5. Affinity purified antibodies or IgG fractions
Another decision criterion is the degree of purity of the antibody. In the experiments we have the possibility to use the complete IgG fraction or affinity purified antibodies.

Unpurified IgG fractions containing the whole immunoglobulin complex. The entire fraction is usually obtained by isolation with Protein A. The antibodies can then be affinity purified to remove antibody subclasses or antigen-non-specific antibodies from the sample. This process is performed by separating specific antibodies from other antiserum proteins and non-specific immunoglobulins by solid phase affinity chromatography.

The advantages of affinity purified antibodies are increased specificity, decreased non-specific background interaction, increased sensitivity, and higher batch-to-batch consistency. However, it should be borne in mind that high affinity antibodies may be eliminated during purification processes due to their affinity for the matrix. For this reason, the use of an IgG fraction is rather recommended for the detection of low concentration target proteins. The choice between the IgG fraction and the purified antibodies is based on our expectations. Affinity purified antibodies have fewer non-specific interactions, while IgG fractions contain high affinity antibodies. In general, IgG fractions are suitable for turbidimetric assays, while most immunochemical methods should use affinity purified antibodies.

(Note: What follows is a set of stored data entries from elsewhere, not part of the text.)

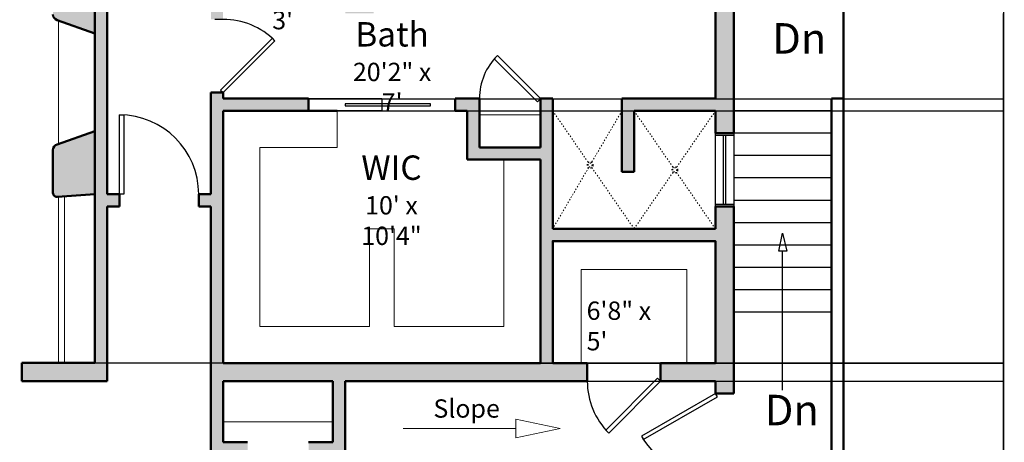
# Model space of a CAD drawing. Units: inches. Extents: x 296 to 2116, y 330 to 1460.
# Tile 4 of 9: x 752 to 1235, y 898 to 1106. Entities that reach past the tile are written whole.
import ezdxf

# ---------------------------------------------------------------- set-up
doc = ezdxf.new("R2010")
doc.units = ezdxf.units.IN
doc.linetypes.add('ACAD_ISO03W100', pattern=[30, 12, -18])
for name, color, linetype, lineweight in [('A-ANNO-DIMS', 2, 'Continuous', 18), ('A-ANNO-SYMB', 2, 'Continuous', 18), ('A-ANNO-TEXT', 7, 'Continuous', 18), ('A-AREA-IDEN', 7, 'Continuous', 25), ('A-DOOR', 3, 'Continuous', 25), ('A-FLOR-FIXT', 8, 'Continuous', 18), ('A-FLOR-OVHD', 132, 'ACAD_ISO03W100', 18), ('A-FLOR-STRS', 40, 'Continuous', 25), ('A-GLAZ', 4, 'Continuous', 25), ('A-WALL', 7, 'Continuous', 50), ('A-WALL-PATT', 8, 'Continuous', 13)]:
    doc.layers.add(name, color=color, linetype=linetype, lineweight=lineweight)
doc.styles.get("Standard").update_dxf_attribs({"font": 'arial.ttf'})
doc.dimstyles.get("Standard").update_dxf_attribs({"dimtxt": 0.18, "dimasz": 0.18, "dimexe": 0.18, "dimexo": 0.0625, "dimgap": 0.09, "dimtad": 0, "dimtih": 1, "dimtoh": 1, "dimdec": 4, "dimzin": 0, "dimdsep": 46, "dimtxsty": 'Standard', "dimcen": 0.09, "dimadec": 0, "dimazin": 0, "dimtfac": 1, "dimtdec": 4, "dimtofl": 0, "dimtmove": 0, "dimatfit": 3, "dimfxl": 1, "dimtolj": 1, "dimtzin": 0, "dimarcsym": 0})

# ---------------------------------------------------------------- blocks, each defined once
blk = doc.blocks.new('*U9')
for p, q in [((0, 0), (0, -4)), ((30, 0), (30, -4))]:
    blk.add_line(p, q)
blk.add_lwpolyline([(0, 0), (21.21, 21.21), (22.45, 19.98), (1.24, -1.24)], close=True)
blk.add_arc((0, 0), 30, 0, 45)
blk = doc.blocks.new('*U11')
for p, q in [((0, 0), (0, -4)), ((-40, 0), (-40, -4))]:
    blk.add_line(p, q)
blk.add_lwpolyline([(0, 0), (-20, 34.64), (-21.52, 33.77), (-1.52, -0.88)], close=True)
blk.add_arc((0, 0), 40, 120, 180)
blk = doc.blocks.new('*U13')
for p, q in [((-32, 0), (-32, 4)), ((0, 0), (0, 4))]:
    blk.add_line(p, q)
blk.add_lwpolyline([(0, 0), (0, -32), (-1.75, -32), (-1.75, 0)], close=True)
blk.add_arc((0, 0), 32, 180, 270)
blk = doc.blocks.new('*U14')
for p, q in [((0, 0), (0, 4)), ((24, 0), (24, 4))]:
    blk.add_line(p, q)
blk.add_lwpolyline([(0, 0), (16.97, -16.97), (18.21, -15.73), (1.24, 1.24)], close=True)
blk.add_arc((0, 0), 24, 315, 0)
blk = doc.blocks.new('*U16')
for p, q in [((0, 0), (0, 4)), ((36, 0), (36, 4))]:
    blk.add_line(p, q)
blk.add_lwpolyline([(0, 0), (25.46, -25.46), (26.69, -24.22), (1.24, 1.24)], close=True)
blk.add_arc((0, 0), 36, 315, 0)
blk = doc.blocks.new('SLOPE-ARROW')
blk.add_line((739.99, 662.71), (684.54, 662.71))
blk.add_lwpolyline([(662.67, 662.71), (684.54, 658.1), (684.54, 667.32)], close=True)
blk = doc.blocks.new('*D45')
at = {"layer": 'A-ANNO-DIMS', "color": 0, "lineweight": -2, "transparency": 16777216}
for p, q in [((1156.58, 1407.95), (1235.3, 1407.95)), ((1235.12, 1407.77), (1235.12, 895.66)), ((1235.12, 383.18), (1235.12, 895.29)), ((609.63, 383), (1235.3, 383))]:
    blk.add_line(p, q, dxfattribs=at)
at = {"layer": 'A-ANNO-DIMS', "color": 0, "transparency": 16777216}
for points in [[(1235.09, 1407.77), (1235.15, 1407.77), (1235.12, 1407.95)], [(1235.09, 383.18), (1235.15, 383.18), (1235.12, 383)]]:
    blk.add_solid(points, dxfattribs=at)
at = {"layer": 'Defpoints', "color": 0, "transparency": 16777216}
for p in [(1156.52, 1407.95), (1235.12, 1407.95), (609.57, 383)]:
    blk.add_point(p, dxfattribs=at)
at = {"layer": 'A-ANNO-DIMS', "color": 0, "transparency": 16777216, "insert": (1235.12, 895.48), "char_height": 0.18, "attachment_point": 5}
blk.add_mtext('\\A1;1025', dxfattribs=at)
blk = doc.blocks.new('*D63')
at = {"layer": 'A-ANNO-DIMS', "color": 0, "lineweight": -2, "transparency": 16777216}
for p, q in [((1102.58, 1156.95), (1235.3, 1156.95)), ((1235.12, 1156.77), (1235.12, 973.64)), ((1235.12, 790.13), (1235.12, 973.27)), ((1063.58, 789.95), (1235.3, 789.95))]:
    blk.add_line(p, q, dxfattribs=at)
at = {"layer": 'A-ANNO-DIMS', "color": 0, "transparency": 16777216}
for points in [[(1235.09, 1156.77), (1235.15, 1156.77), (1235.12, 1156.95)], [(1235.09, 790.13), (1235.15, 790.13), (1235.12, 789.95)]]:
    blk.add_solid(points, dxfattribs=at)
at = {"layer": 'Defpoints', "color": 0, "transparency": 16777216}
for p in [(1102.52, 1156.95), (1235.12, 1156.95), (1063.52, 789.95)]:
    blk.add_point(p, dxfattribs=at)
at = {"layer": 'A-ANNO-DIMS', "color": 0, "transparency": 16777216, "insert": (1235.12, 973.45), "char_height": 0.18, "attachment_point": 5}
blk.add_mtext('\\A1;367', dxfattribs=at)
blk = doc.blocks.new('*D83')
at = {"layer": 'A-ANNO-DIMS', "color": 0, "lineweight": -2, "transparency": 16777216}
for p, q in [((851.58, 1150.95), (1235.3, 1150.95)), ((1235.12, 1150.77), (1235.12, 1109.14)), ((1235.12, 1067.13), (1235.12, 1108.77)), ((851.58, 1066.95), (1235.3, 1066.95))]:
    blk.add_line(p, q, dxfattribs=at)
at = {"layer": 'A-ANNO-DIMS', "color": 0, "transparency": 16777216}
for points in [[(1235.09, 1150.77), (1235.15, 1150.77), (1235.12, 1150.95)], [(1235.09, 1067.13), (1235.15, 1067.13), (1235.12, 1066.95)]]:
    blk.add_solid(points, dxfattribs=at)
at = {"layer": 'Defpoints', "color": 0, "transparency": 16777216}
for p in [(851.52, 1150.95), (1235.12, 1150.95), (851.52, 1066.95)]:
    blk.add_point(p, dxfattribs=at)
at = {"layer": 'A-ANNO-DIMS', "color": 0, "transparency": 16777216, "insert": (1235.12, 1108.95), "char_height": 0.18, "attachment_point": 5}
blk.add_mtext('\\A1;84.00', dxfattribs=at)
blk = doc.blocks.new('*D84')
at = {"layer": 'A-ANNO-DIMS', "color": 0, "lineweight": -2, "transparency": 16777216}
for p, q in [((851.58, 1060.95), (1235.3, 1060.95)), ((1235.12, 1060.77), (1235.12, 999.14)), ((1235.12, 937.13), (1235.12, 998.77)), ((851.58, 936.95), (1235.3, 936.95))]:
    blk.add_line(p, q, dxfattribs=at)
at = {"layer": 'A-ANNO-DIMS', "color": 0, "transparency": 16777216}
for points in [[(1235.09, 1060.77), (1235.15, 1060.77), (1235.12, 1060.95)], [(1235.09, 937.13), (1235.15, 937.13), (1235.12, 936.95)]]:
    blk.add_solid(points, dxfattribs=at)
at = {"layer": 'Defpoints', "color": 0, "transparency": 16777216}
for p in [(851.52, 1060.95), (1235.12, 1060.95), (851.52, 936.95)]:
    blk.add_point(p, dxfattribs=at)
at = {"layer": 'A-ANNO-DIMS', "color": 0, "transparency": 16777216, "insert": (1235.12, 998.95), "char_height": 0.18, "attachment_point": 5}
blk.add_mtext('\\A1;124.00', dxfattribs=at)
blk = doc.blocks.new('*D85')
at = {"layer": 'A-ANNO-DIMS', "color": 0, "lineweight": -2, "transparency": 16777216}
for p, q in [((788.58, 1213), (1235.3, 1213)), ((1235.12, 1212.82), (1235.12, 1075.18)), ((1235.12, 937.18), (1235.12, 1074.82)), ((788.58, 937), (1235.3, 937))]:
    blk.add_line(p, q, dxfattribs=at)
at = {"layer": 'A-ANNO-DIMS', "color": 0, "transparency": 16777216}
for points in [[(1235.09, 1212.82), (1235.15, 1212.82), (1235.12, 1213)], [(1235.09, 937.18), (1235.15, 937.18), (1235.12, 937)]]:
    blk.add_solid(points, dxfattribs=at)
at = {"layer": 'Defpoints', "color": 0, "transparency": 16777216}
for p in [(788.52, 1213), (1235.12, 1213), (788.52, 937)]:
    blk.add_point(p, dxfattribs=at)
at = {"layer": 'A-ANNO-DIMS', "color": 0, "transparency": 16777216, "insert": (1235.12, 1075), "char_height": 0.18, "attachment_point": 5}
blk.add_mtext('\\A1;276.00', dxfattribs=at)
blk = doc.blocks.new('*D98')
at = {"layer": 'A-ANNO-DIMS', "color": 0, "lineweight": -2, "transparency": 16777216}
for p, q in [((1030.58, 927.95), (1235.3, 927.95)), ((1235.12, 927.77), (1235.12, 859.14)), ((1235.12, 790.13), (1235.12, 858.77)), ((1093.58, 789.95), (1235.3, 789.95))]:
    blk.add_line(p, q, dxfattribs=at)
at = {"layer": 'A-ANNO-DIMS', "color": 0, "transparency": 16777216}
for points in [[(1235.09, 927.77), (1235.15, 927.77), (1235.12, 927.95)], [(1235.09, 790.13), (1235.15, 790.13), (1235.12, 789.95)]]:
    blk.add_solid(points, dxfattribs=at)
at = {"layer": 'Defpoints', "color": 0, "transparency": 16777216}
for p in [(1030.52, 927.95), (1235.12, 927.95), (1093.52, 789.95)]:
    blk.add_point(p, dxfattribs=at)
at = {"layer": 'A-ANNO-DIMS', "color": 0, "transparency": 16777216, "insert": (1235.12, 858.95), "char_height": 0.18, "attachment_point": 5}
blk.add_mtext('\\A1;138.00', dxfattribs=at)

msp = doc.modelspace()

# ---------------------------------------------------------------- hatches: boundary and pattern name
at = {"layer": 'A-WALL-PATT'}
h = msp.add_hatch(color=256, dxfattribs=at)
h.dxf.hatch_style = 1
h.paths.add_polyline_path([(656.5723, 927.9991), (668.5723, 927.9991), (668.5723, 936.9991), (650.5723, 936.9991), (650.5723, 897.9991), (356.5223, 897.9991), (356.5223, 955.9991), (347.5223, 955.9991), (347.5223, 888.9991), (423.5723, 888.9991), (423.5723, 766.9991), (432.5723, 766.9991), (432.5723, 834.9991), (453.5723, 834.9991), (468.5723, 834.9991), (468.5723, 840.9991), (432.5723, 840.9991), (432.5723, 888.9991), (504.5723, 888.9991), (504.5723, 840.9991), (504.5723, 834.9991), (531.6223, 834.9991), (531.6223, 768.5344), (527.8443, 764.7564), (530.6728, 761.928), (532.087, 760.5138), (540.5723, 768.9991), (598.0723, 768.9991), (598.0723, 777.9991), (601.8223, 777.9991), (601.8223, 782.1991), (601.8223, 783.9991), (598.0723, 783.9991), (598.0723, 798.9991), (592.0723, 798.9991), (592.0723, 774.9991), (537.6223, 774.9991), (537.6223, 834.9991), (592.0723, 834.9991), (592.0723, 828.9991), (598.0723, 828.9991), (598.0723, 834.9991), (647.5723, 834.9991), (647.5723, 828.9991), (656.5723, 828.9991), (656.5723, 846.9991), (650.5723, 846.9991), (647.5723, 846.9991), (647.5723, 840.9991), (510.5723, 840.9991), (510.5723, 888.9991), (647.5723, 888.9991), (647.5723, 882.9991), (656.5723, 882.9991)])
h.paths.add_polyline_path([(432.5723, 730.9991), (496.5723, 730.9991), (496.5723, 724.9991), (502.5723, 724.9991), (502.5723, 730.9991), (506.6311, 735.058), (502.3885, 739.3006), (500.087, 736.9991), (432.5723, 736.9991), (432.5723, 742.9991), (423.5723, 742.9991), (423.5723, 641.9991), (490.5723, 641.9991), (490.5723, 597.9991), (531.5723, 597.9991), (531.5723, 606.9991), (499.5723, 606.9991), (499.5723, 650.9991), (502.5723, 650.9991), (502.5723, 659.9991), (496.5723, 659.9991), (493.5723, 659.9991), (493.5723, 650.9991), (432.5723, 650.9991)])
h.paths.add_polyline_path([(656.5723, 689.4991), (662.5473, 689.4991), (662.5473, 698.4991), (656.5723, 698.4991), (656.5723, 789.9991), (647.5723, 789.9991), (647.5723, 783.9991), (643.8223, 783.9991), (643.8223, 777.9991), (647.5723, 777.9991), (647.5723, 606.9991), (615.5723, 606.9991), (615.5723, 597.9991), (656.5723, 597.9991)])
h.paths.add_polyline_path([(761.5223, 780.9541), (797.5223, 780.9541), (797.5223, 789.9541), (761.5223, 789.9541), (761.5223, 858.9541), (797.5223, 858.9541), (797.5223, 867.9541), (752.5223, 867.9541), (752.5223, 698.4991), (746.5473, 698.4991), (746.5473, 694.2991), (746.5473, 689.4991), (752.5223, 689.4991), (752.5223, 624.9541), (761.5223, 624.9541)])
h.paths.add_polyline_path([(1102.5223, 795.9541), (1093.5223, 795.9541), (1093.5223, 789.9541), (1063.5223, 789.9541), (881.5223, 789.9541), (881.5223, 837.9541), (911.5223, 837.9541), (911.5223, 849.9541), (907.5223, 849.9541), (905.5223, 849.9541), (905.5223, 843.9541), (845.5223, 843.9541), (845.5223, 834.9541), (849.0223, 834.9541), (851.5223, 834.9541), (851.5223, 837.9541), (875.5223, 837.9541), (875.5223, 789.9541), (851.5223, 789.9541), (851.5223, 792.9541), (845.5223, 792.9541), (845.5223, 789.9541), (833.5223, 789.9541), (833.5223, 785.1541), (833.5223, 780.9541), (1049.5223, 780.9541), (1049.5223, 726.9541), (1053.7223, 726.9541), (1058.5223, 726.9541), (1058.5223, 780.9541), (1102.5223, 780.9541)])
h.paths.add_polyline_path([(761.5223, 588.9541), (752.5223, 588.9541), (752.5223, 564.9541), (761.5223, 564.9541)])
h.paths.add_polyline_path([(809.5223, 480.9541), (761.5223, 480.9541), (761.5223, 528.9541), (752.5223, 528.9541), (752.5223, 471.9541), (809.5223, 471.9541)])
h.paths.add_polyline_path([(1058.5223, 684.9541), (1049.5223, 684.9541), (1049.5223, 480.9541), (1001.5223, 480.9541), (1001.5223, 476.4541), (1001.5223, 471.9541), (1058.5223, 471.9541)])
h.paths.add_polyline_path([(794.5223, 1013.9991), (800.5223, 1013.9991), (800.5223, 1019.9991), (794.5223, 1019.9991), (794.5223, 1296.9541), (785.5223, 1296.9541), (785.5223, 1221.9991), (752.5223, 1221.9991), (752.5223, 1212.9991), (788.5223, 1212.9991), (788.5223, 936.9991), (752.5223, 936.9991), (752.5223, 927.9991), (794.5223, 927.9991)])
h.paths.add_polyline_path([(450.0223, 1191.9991), (398.5223, 1191.9991), (398.5223, 1137.9991), (407.5223, 1137.9991), (407.5223, 1182.9991), (450.0223, 1182.9991)])
h.paths.add_polyline_path([(576.5223, 1212.9991), (612.5223, 1212.9991), (612.5223, 1221.9991), (567.5223, 1221.9991), (567.5223, 1191.9991), (540.0223, 1191.9991), (540.0223, 1182.9991), (576.5223, 1182.9991)])
h.paths.add_polyline_path([(407.5223, 1060.9991), (398.5223, 1060.9991), (398.5223, 1030.9991), (392.5223, 1030.9991), (392.5223, 1021.9991), (407.5223, 1021.9991)])
h.paths.add_polyline_path([(356.5223, 1030.9991), (347.5223, 1030.9991), (347.5223, 1015.9991), (356.5223, 1015.9991), (356.5223, 1021.9991)])
h.paths.add_polyline_path([(788.5223, 1129.9991), (770.0334, 1131.3572, 0.43585667), (767.8869, 1129.3626), (767.8869, 1108.3618, 0.31855172), (769.8942, 1105.5308), (788.5223, 1098.9991)], flags=17)
h.paths.add_polyline_path([(788.5223, 1050.9991), (769.8942, 1044.4674, 0.31855172), (767.8869, 1041.6364), (767.8869, 1020.6356, 0.43585667), (770.0334, 1018.641), (788.5223, 1019.9991)], flags=17)
h.paths.add_polyline_path([(893.5223, 1066.9541), (851.5223, 1066.9541), (851.5223, 1069.9541), (845.5223, 1069.9541), (845.5223, 1019.9991), (839.5223, 1019.9991), (839.5223, 1013.9991), (845.5223, 1013.9991), (845.5223, 891.9541), (863.5223, 891.9541), (863.5223, 897.9541), (851.5223, 897.9541), (851.5223, 927.9541), (905.5223, 927.9541), (905.5223, 897.9541), (893.5223, 897.9541), (893.5223, 891.9541), (905.5223, 891.9541), (905.5223, 885.9541), (911.5223, 885.9541), (911.5223, 927.9541), (1030.5223, 927.9541), (1030.5223, 936.9541), (1013.5223, 936.9541), (1013.5223, 996.9541), (1093.5223, 996.9541), (1093.5223, 936.9541), (1066.5223, 936.9541), (1066.5223, 927.9541), (1093.5223, 927.9541), (1093.5223, 921.9541), (1102.5223, 921.9541), (1102.5223, 1013.9541), (1093.5223, 1013.9541), (1093.5223, 1002.9541), (1013.5223, 1002.9541), (1013.5223, 1060.9541), (1013.5223, 1066.9541), (1007.5223, 1066.9541), (1007.5223, 1042.9541), (977.5223, 1042.9541), (977.5223, 1066.9541), (965.5223, 1066.9541), (965.5223, 1060.9541), (971.5223, 1060.9541), (971.5223, 1036.9541), (1007.5223, 1036.9541), (1007.5223, 936.9541), (851.5223, 936.9541), (851.5223, 1060.9541), (893.5223, 1060.9541)])
h.paths.add_polyline_path([(851.5223, 1150.9541), (919.5223, 1150.9541), (919.5223, 1114.9541), (911.5223, 1114.9541), (911.5223, 1108.9541), (925.5223, 1108.9541), (925.5223, 1150.9541), (1007.5223, 1150.9541), (1007.5223, 1114.9541), (1013.5223, 1114.9541), (1013.5223, 1150.9541), (1046.5223, 1150.9541), (1046.5223, 1159.9541), (1007.5223, 1159.9541), (1007.5223, 1186.9541), (998.5223, 1186.9541), (998.5223, 1156.9541), (845.5223, 1156.9541), (845.5223, 1105.9541), (851.5223, 1105.9541)])
h.paths.add_polyline_path([(1102.5223, 1156.9541), (1102.5223, 1159.9541), (1088.5223, 1159.9541), (1088.5223, 1150.9541), (1093.5223, 1150.9541), (1093.5223, 1147.9541), (1102.5223, 1147.9541)])
h.paths.add_polyline_path([(1102.5223, 1111.9541), (1093.5223, 1111.9541), (1093.5223, 1066.9541), (1047.5223, 1066.9541), (1047.5223, 1030.9541), (1053.5223, 1030.9541), (1053.5223, 1060.9541), (1093.5223, 1060.9541), (1093.5223, 1049.9541), (1102.5223, 1049.9541)])
h.paths.add_polyline_path([(1102.5223, 837.9541), (1093.5223, 837.9541), (1093.5223, 831.9541), (1102.5223, 831.9541)], flags=17)
h.paths.add_polyline_path([(1102.5223, 879.9541), (1093.5223, 879.9541), (1093.5223, 873.9541), (1102.5223, 873.9541)])
h.paths.add_polyline_path([(839.5223, 1353.9541), (785.5223, 1353.9541), (785.5223, 1338.9541), (794.5223, 1338.9541), (794.5223, 1344.9541), (839.5223, 1344.9541)])
h.paths.add_polyline_path([(1007.5223, 1353.9541), (953.5223, 1353.9541), (953.5223, 1344.9541), (998.5223, 1344.9541), (998.5223, 1314.9541), (1007.5223, 1314.9541)])
h.paths.add_polyline_path([(917.5223, 1353.9541), (914.5223, 1353.9541), (914.5223, 1344.9541), (917.5223, 1344.9541)])
h.paths.add_polyline_path([(878.5223, 1353.9541), (875.5223, 1353.9541), (875.5223, 1344.9541), (878.5223, 1344.9541)])
h.paths.add_polyline_path([(1007.5223, 1278.9541), (998.5223, 1278.9541), (998.5223, 1222.9541), (1007.5223, 1222.9541)])
h.paths.add_polyline_path([(407.5223, 1101.9991), (398.5223, 1101.9991), (398.5223, 1096.9991), (407.5223, 1096.9991)])
h.paths.add_polyline_path([(560.5723, 606.9991), (557.5723, 606.9991), (557.5723, 597.9991), (560.5723, 597.9991)])
h.paths.add_polyline_path([(589.5723, 606.9991), (586.5723, 606.9991), (586.5723, 597.9991), (589.5723, 597.9991)])

# ---------------------------------------------------------------- linework, layer by layer
at = {"layer": 'A-DOOR'}
for points in [[(893.5223, 1066.9541), (929.5223, 1066.9541), (929.5223, 1060.9541), (893.5223, 1060.9541)], [(911.5223, 1063.4541), (953.5223, 1063.4541), (953.5223, 1064.4541), (911.5223, 1064.4541)]]:
    msp.add_lwpolyline(points, close=True, dxfattribs=at)
at = {"layer": 'A-FLOR-FIXT'}
for p, q in [((770.5223, 1044.6876), (770.5223, 1105.3105)), ((907.5223, 1042.9541), (907.5223, 1060.9541)), ((1007.5223, 1058.9541), (977.5223, 1058.9541)), ((770.5223, 936.9991), (770.5223, 1018.6769)), ((773.5223, 936.9991), (773.5223, 1018.8972)), ((905.5223, 907.9541), (851.5223, 907.9541))]:
    msp.add_line(p, q, dxfattribs=at)
for points in [[(907.5223, 1042.9541), (869.5223, 1042.9541), (869.5223, 954.9541), (923.5223, 954.9541), (923.5223, 1002.9541), (935.5223, 1002.9541), (935.5223, 954.9541), (989.5223, 954.9541), (989.5223, 1036.9541)], [(1079.5223, 936.9541), (1079.5223, 982.9541), (1027.5223, 982.9541), (1027.5223, 936.9541)]]:
    msp.add_lwpolyline(points, dxfattribs=at)
at = {"layer": 'A-FLOR-OVHD', "ltscale": 0.05}
for p, q in [((1013.5223, 1060.9541), (1031.049, 1035.5403)), ((1047.5223, 1060.9541), (1032.6592, 1035.5995)), ((1053.5223, 1060.9541), (1072.6707, 1033.1889)), ((1093.5223, 1060.9541), (1074.3739, 1033.1889)), ((1031.1421, 1033.0114), (1013.5223, 1002.9541)), ((1032.7522, 1033.0706), (1053.5223, 1002.9541)), ((1072.6707, 1030.7193), (1053.5223, 1002.9541)), ((1074.3739, 1030.7193), (1093.5223, 1002.9541))]:
    msp.add_line(p, q, dxfattribs=at)
msp.add_lwpolyline([(1047.5223, 1060.9541), (1013.5223, 1060.9541), (1013.5223, 1002.9541), (1093.5223, 1002.9541), (1093.5223, 1060.9541), (1053.5223, 1060.9541)], dxfattribs=at)
for centre, radius in [((1031.9006, 1034.3054), 1.5), ((1031.9006, 1034.3054), 1), ((1073.5223, 1031.9541), 1.5), ((1073.5223, 1031.9541), 1)]:
    msp.add_circle(centre, radius, dxfattribs=at)
at = {"layer": 'A-FLOR-STRS'}
for p, q in [((1150.5223, 1060.9541), (1102.5223, 1060.9541)), ((1150.5223, 1049.9541), (1102.5223, 1049.9541)), ((1150.5223, 1038.9541), (1102.5223, 1038.9541)), ((1150.5223, 1027.9541), (1102.5223, 1027.9541)), ((1150.5223, 1016.9541), (1102.5223, 1016.9541)), ((1150.5223, 1005.9541), (1102.5223, 1005.9541)), ((1150.5223, 994.9541), (1102.5223, 994.9541)), ((1150.5223, 983.9541), (1102.5223, 983.9541)), ((1150.5223, 972.9541), (1102.5223, 972.9541)), ((1150.5223, 961.9541), (1102.5223, 961.9541))]:
    msp.add_line(p, q, dxfattribs=at)
msp.add_lwpolyline([(1126.39, 1000.866), (1128.535, 991.9981), (1124.6418, 991.9981)], close=True, dxfattribs=at)
msp.add_lwpolyline([(1126.39, 923.6575), (1126.39, 991.9981)], dxfattribs=at)
at = {"layer": 'A-GLAZ'}
for p, q in [((1093.5223, 1048.9541), (1102.5223, 1048.9541)), ((1097.5223, 1014.9541), (1097.5223, 1048.9541)), ((1098.5223, 1048.9541), (1098.5223, 1014.9541)), ((1102.5223, 1014.9541), (1093.5223, 1014.9541))]:
    msp.add_line(p, q, dxfattribs=at)
msp.add_lwpolyline([(1102.5223, 1013.9541), (1093.5223, 1013.9541), (1093.5223, 1049.9541), (1102.5223, 1049.9541)], close=True, dxfattribs=at)
at = {"layer": 'A-WALL'}
for p, q in [((1156.5223, 576.9541), (1156.5223, 1407.9541)), ((794.5223, 1019.9991), (794.5223, 1296.9541)), ((788.5223, 936.9991), (788.5223, 1212.9991)), ((1093.5223, 1066.9541), (1093.5223, 1111.9541)), ((1102.5223, 1049.9541), (1102.5223, 1111.9541)), ((788.5223, 1098.9991), (769.8942, 1105.5308)), ((851.5223, 1069.9541), (845.5223, 1069.9541)), ((845.5223, 1019.9991), (845.5223, 1069.9541)), ((851.5223, 1066.9541), (851.5223, 1069.9541)), ((893.5223, 1066.9541), (851.5223, 1066.9541)), ((893.5223, 1060.9541), (893.5223, 1066.9541)), ((977.5223, 1066.9541), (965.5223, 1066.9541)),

6. Fragment antibody format – F (ab) or F (ab´) 2
The format of the secondary antibody used depends on its structure itself. The use of complete IgG is common, but in special cases it is appropriate to use antibody fragments. Antibody fragments are made from complete IgG by papain cleavage in the hinge region. In this way, individual regions F (ab) are created (Fig.5.). The second variant is fragments F (ab´) 2. These are also formed by proteolytic cleavage of IgG, but using pepsin. In both cases, most of the Fc region is deleted.

Both types of antibodies are smaller than the complete IgG molecule, thus allowing better penetration into the tissue and thus better antigen recognition and increasing the signal during IHC staining. A second advantage of fragment antibodies is the absence of their Fc fragment. Due to the absence of a crystallization region, non-specific binding between the Fc regions of antibodies and Fc receptors of cells is eliminated. Therefore, fragment antibodies are particularly popular in the labeling of cells with high levels of surface Fc receptors – or in the labeling of macrophages, dendritic cells, neutrophils, NK cells and B-lymphocytes and in the detection of antigens in tissues with high levels of endogenous Fc receptors – spleen and thymus.

F (ab) antibodies are further used to block endogenous immunoglobulins in cells and tissues. After classical blocking of the tissue with serum in the IHC method, the sample is incubated with F (ab) fragments. This blocks endogenous immunoglobulins and avoids the increased background that would occur when classical secondary antibodies bind to endogenous immunoglobulins.

In addition, F (ab) can be a powerful tool in multiple staining using primary antibodies of the same species. Because the F (ab) fragment secondary antibodies contain only one antigen binding site (are monovalent), they cannot bind any other molecule in the case of sequential staining (Fig. 6). F (ab´) 2 secondary antibodies are not suitable for this purpose due to the 2 binding sites. They could bind a second secondary antibody in sequential staining and show false positive results.

What things to keep in mind when choosing a secondary antibody? Here is a summary of the questions you should ask yourself when choosing a secondary antibody.

1. In which animal organism was your primary antibody produced?
2. Which conjugate detection molecule is suitable for your application?
3. Do you use an enzymatic detection method? Do you prefer HRP or AP?
4. Do you use a fluorescence detection method? Take a look at the range of emission spectra, especially if you do multiple staining.
5. Will you use the biotin technique?
6. What is the class / subtype or subclass of your primary antibody?
7. Do you need an affinity purified antibody or IgG fraction?
8. Do you need a preabsorbed secondary antibody for your purposes?
9. Do you need an F (ab) or F (ab´) 2 fragment antibody for your experiment?